First, the fact that they are standing apart is a point of pride as much as concern. There is a note of Swedish exceptionalism, particularly when contrasted with longstanding competitors Denmark and Norway (both of whom have opted for a very thorough lockdown). I heard multiple theories as to why their Scandinavian neighbours were different, ranging from Denmark and Norway’s occupation during the Second World War having given them have a residual mistrust of authority, to the Danish government’s political desire to look strong. It couldn’t be further from the UK instinct, which is to take any differences with other countries as proof of our own sluggishness and inadequacy.
Second, the Government is a centre-Left coalition, which changes everything. Alongside a deep-seated Swedish respect for technical experts, this means that support for the more moderate strategy is considered the enlightened left-liberal position; unlike the UK or the US, the knowledge class are fully on-side. Anders Tegnell himself has a left-of-centre feel about him, making regular reference to the importance of equality in the government’s chosen course. This means, although he continues to meet with criticism, there are no online hoards of political activists demanding a lockdown.
The political critics, such as they are, are more likely to come from the Right, such as populist anti-immigration MP Hanif Bali (an occasional guest on Tucker Carlson’s Fox News programme), controversial Dagens Nyheter editor-in-chief Peter Wolodarski and Quillette’s Paulina Neuding. But they are few and far between: even the populist Swedish Democrats have largely kept quiet. One 30-year-old Stockholmer I spoke to said that the only advocates of a lockdown she had noticed in her social media feeds were “a few far-Right guys and the climate deniers”.
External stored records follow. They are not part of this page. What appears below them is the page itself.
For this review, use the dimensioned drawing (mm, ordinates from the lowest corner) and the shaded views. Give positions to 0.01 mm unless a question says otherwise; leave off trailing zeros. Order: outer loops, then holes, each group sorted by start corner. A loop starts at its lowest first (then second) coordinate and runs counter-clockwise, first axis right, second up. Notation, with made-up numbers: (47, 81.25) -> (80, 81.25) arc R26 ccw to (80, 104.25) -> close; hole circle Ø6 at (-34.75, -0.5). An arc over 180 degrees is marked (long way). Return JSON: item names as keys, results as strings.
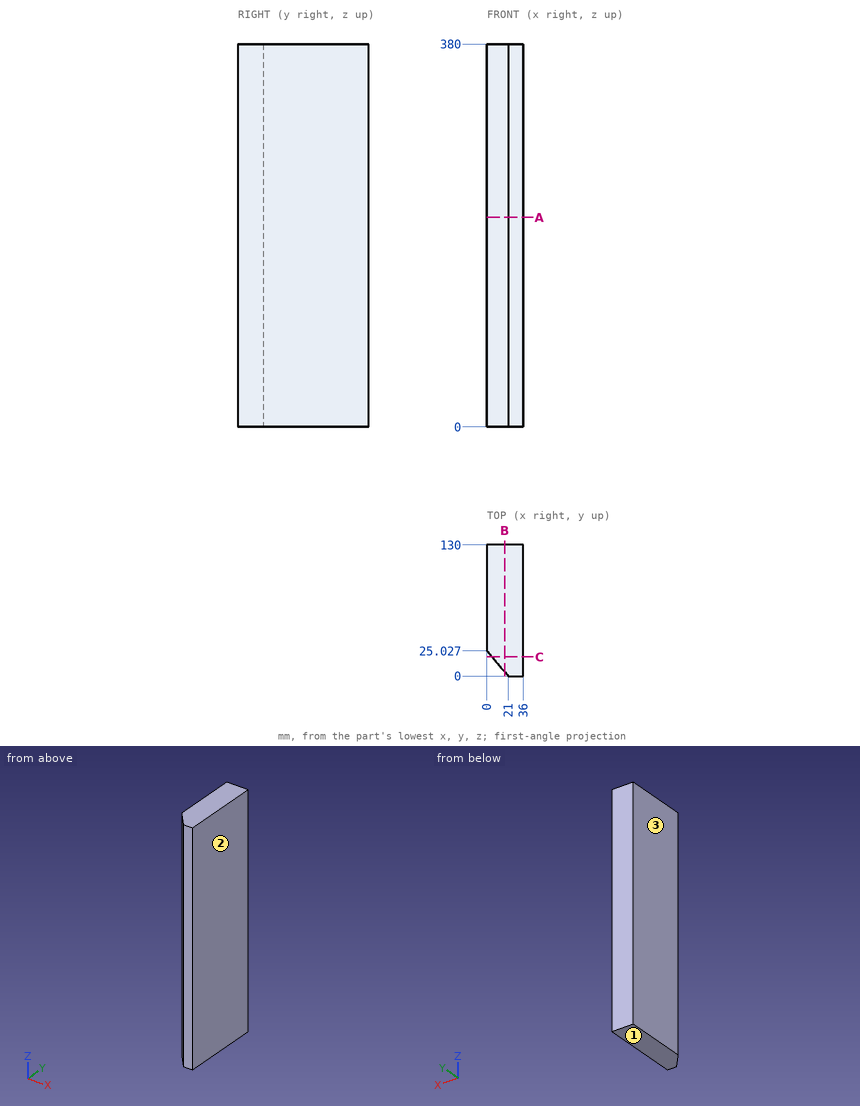
Item 1: Add section B-B (x = 17.5). Give the boundary of the cut face in (y, z), plus the area to 3 significant figures.
Result set:
{"outline": "(4.17, 0) -> (130, 0) -> (130, 380) -> (4.17, 380) -> close", "area": "47,800 mm^2"}
Item 2: Wall thickness on L1, parallel to Y at x = 5, z = 255; L2, parallel to X at y = 19.5, z = 67; L3, parallel to Y at x = 8.5, z = 316: over which ranges is each line inside the solid? List them lowest first. Write a range as [from, to].
Result set:
{"L1": "y = [19.07, 130]", "L2": "x = [4.64, 36]", "L3": "y = [14.9, 130]"}
Item 3: Add section A-A (z = 208). Give the boundary of the cut face in (x, y), plus the area to 3 significant figures.
Result set:
{"outline": "(0, 25.03) -> (21, 0) -> (36, 0) -> (36, 130) -> (0, 130) -> close", "area": "4,420 mm^2"}
Item 4: Mouldability with a two-part tool opening along X and no side actions: class the marked faces 1, 2 and 3 as released by +X, released by -X, zero draft, split by the parting line, or undercut.
Result set:
{"face 1": "zero draft", "face 2": "released by +X", "face 3": "released by -X"}
Item 5: Add section C-C (y = 19). Give the boundary of the cut face in (x, z), plus the area to 3 significant figures.
Result set:
{"outline": "(5.06, 0) -> (36, 0) -> (36, 380) -> (5.06, 380) -> close", "area": "11,800 mm^2"}
Item 6: For pin 1 (1.5 mm diameter, centred on x = 13, z = 285, fed in from -Y); pin 2 (6 mm diameter, centred on x = 6.5, y = 104, fed in from -Z); pin 3 (1 mm diameter, centred on x = 4, z = 236.5, fed in from -Y), all flat-tipped, find the tip position at first contact; note any pin that passes through.
Result set:
{"pin 1": "stops at y = 8.64", "pin 2": "stops at z = 0", "pin 3": "stops at y = 19.66"}
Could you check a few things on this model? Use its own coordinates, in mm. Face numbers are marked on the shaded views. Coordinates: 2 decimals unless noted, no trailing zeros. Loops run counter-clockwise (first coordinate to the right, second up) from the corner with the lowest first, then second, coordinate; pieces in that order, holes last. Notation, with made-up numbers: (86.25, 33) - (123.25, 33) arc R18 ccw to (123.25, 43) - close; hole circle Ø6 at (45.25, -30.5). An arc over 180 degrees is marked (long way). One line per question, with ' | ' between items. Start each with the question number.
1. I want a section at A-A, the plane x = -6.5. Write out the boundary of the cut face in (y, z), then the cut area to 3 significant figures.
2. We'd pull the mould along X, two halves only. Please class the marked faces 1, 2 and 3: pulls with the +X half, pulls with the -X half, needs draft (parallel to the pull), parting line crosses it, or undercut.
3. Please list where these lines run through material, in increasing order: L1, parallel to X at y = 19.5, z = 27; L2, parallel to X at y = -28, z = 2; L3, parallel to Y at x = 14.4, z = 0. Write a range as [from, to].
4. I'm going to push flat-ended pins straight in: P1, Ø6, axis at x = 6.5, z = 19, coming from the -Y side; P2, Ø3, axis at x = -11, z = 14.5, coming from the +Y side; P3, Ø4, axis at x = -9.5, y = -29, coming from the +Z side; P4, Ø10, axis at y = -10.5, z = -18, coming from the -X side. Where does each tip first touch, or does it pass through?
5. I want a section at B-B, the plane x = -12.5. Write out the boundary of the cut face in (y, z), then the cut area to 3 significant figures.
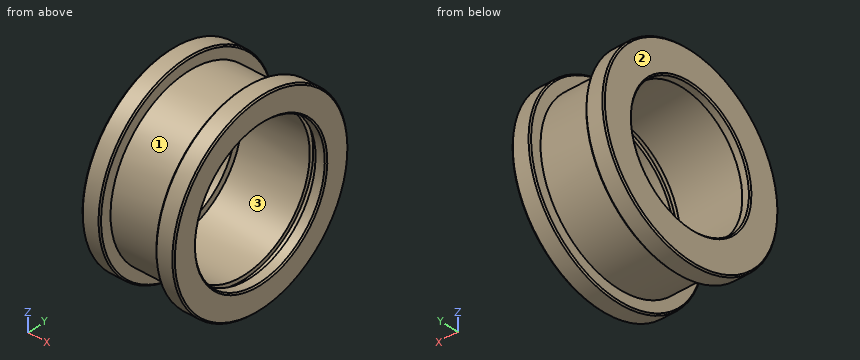
from build123d import *

# Parameters (mm, degrees)
SKETCH_2_R          = 27.5
CUT_EXTRUDE_1_DEPTH = 32
SKETCH_4_R          = 25
CUT_EXTRUDE_2_DEPTH = 30
CHAMFER_1_SIZE      = 0.5
SKETCH_5_W          = 2.2
SKETCH_5_H          = 1.5


with BuildPart() as part:
    # 草图1 → 旋转1 (revolve)
    with BuildSketch(Plane.XY, mode=Mode.PRIVATE) as revolve_1_sk:
        Polygon((-17.5, 0), (17.5, 0), (17.5, 37), (10.5, 37), (10.5, 32.5), (-10.5, 32.5), (-10.5, 37), (-17.5, 37), align=None)
    revolve(revolve_1_sk.sketch.rotate(Axis((-17.5, 0, 0), (1, 0, 0)), 90), axis=Axis((-17.5, 0, 0), (1, 0, 0)))

    # 草图2 → 切除-拉伸1 (cut)
    with BuildSketch(Plane(origin=(17.5, 0, 0), x_dir=(0, 0, -1), z_dir=(1, 0, 0))):
        Circle(SKETCH_2_R)
    extrude(amount=-CUT_EXTRUDE_1_DEPTH, mode=Mode.SUBTRACT)

    # 草图4 → 切除-拉伸2 (cut)
    with BuildSketch(Plane(origin=(-14.5, 0, 0), x_dir=(0, 0, -1), z_dir=(1, 0, 0))):
        Circle(SKETCH_4_R)
    extrude(amount=-CUT_EXTRUDE_2_DEPTH, mode=Mode.SUBTRACT)

    # 倒角1
    chamfer_1_edges = [part.edges().sort_by_distance(p)[0] for p in [
        (17.5, 0, 27.5),
        (-17.5, 0, 25),
        (-17.5, 0, -37),
        (-10.5, 0, -37),
        (10.5, 0, -37),
        (17.5, 0, -37),
    ]]
    chamfer(chamfer_1_edges, length=CHAMFER_1_SIZE)

    # 草图5 → 切除-旋转1 (revolve, cut)
    with BuildSketch(Plane(origin=(0, 0, 0), x_dir=(1, 0, 0), z_dir=(0, 1, 0))):
        with Locations((12.4, 28.25)):
            Rectangle(SKETCH_5_W, SKETCH_5_H)
    revolve(axis=Axis((0, 0, 0), (1, 0, 0)), mode=Mode.SUBTRACT)


solid = part.part
Results are:
1) outline: circle Ø65 at (0, 0); hole circle Ø55 at (0, 0) | area: 942 mm2
2) face 1: undercut | face 2: pulls with the -X half | face 3: needs draft
3) L1: x = [-17.5, -10.5], [10.5, 17.5] | L2: x = [-17.5, 11.3], [13.5, 17.5] | L3: y = [-37, -27.5], [27.5, 37]
4) P1: stops at y = -28.29 | P2: stops at y = 34.64 | P3: stops at z = 24.56 | P4: stops at x = -17.5
5) outline: circle Ø74 at (0, 0); hole circle Ø55 at (0, 0) | area: 1,930 mm2

It’s the opposite of the political landscape in the UK, where deep mistrust from the long Brexit battle meant that whatever the Cummings-Johnson government initially proposed was instinctively suspected as bad and wrong by its political opponents; so the virtuous Left-liberal position quickly came to be calling for a more draconian shutdown. Rival experts were found, a campaign developed, and the Government ultimately changed course against a background of huge political pressure.
It is possible — perhaps likely — that as the death toll increases in Sweden in coming weeks they will also fall into line and impose a stricter lockdown. But if they don’t, the experience of that country will offer a vital way of knowing whether or not the unprecedented cancellation of life, population-wide house arrest and destruction of the economy that the UK and so many other world powers have chosen will have been the correct response to this threat.
If, at the end of this grisly period, the deaths per capita in Sweden are much higher than neighbouring Denmark and Norway, the more draconian approach will seem to have been worth it; but if the Swedish experience remains roughly in line with those countries, justifying the enforced lockdown will be much harder, and questions with profound consequences will rightly be asked about the decisions of the UK and the wider world.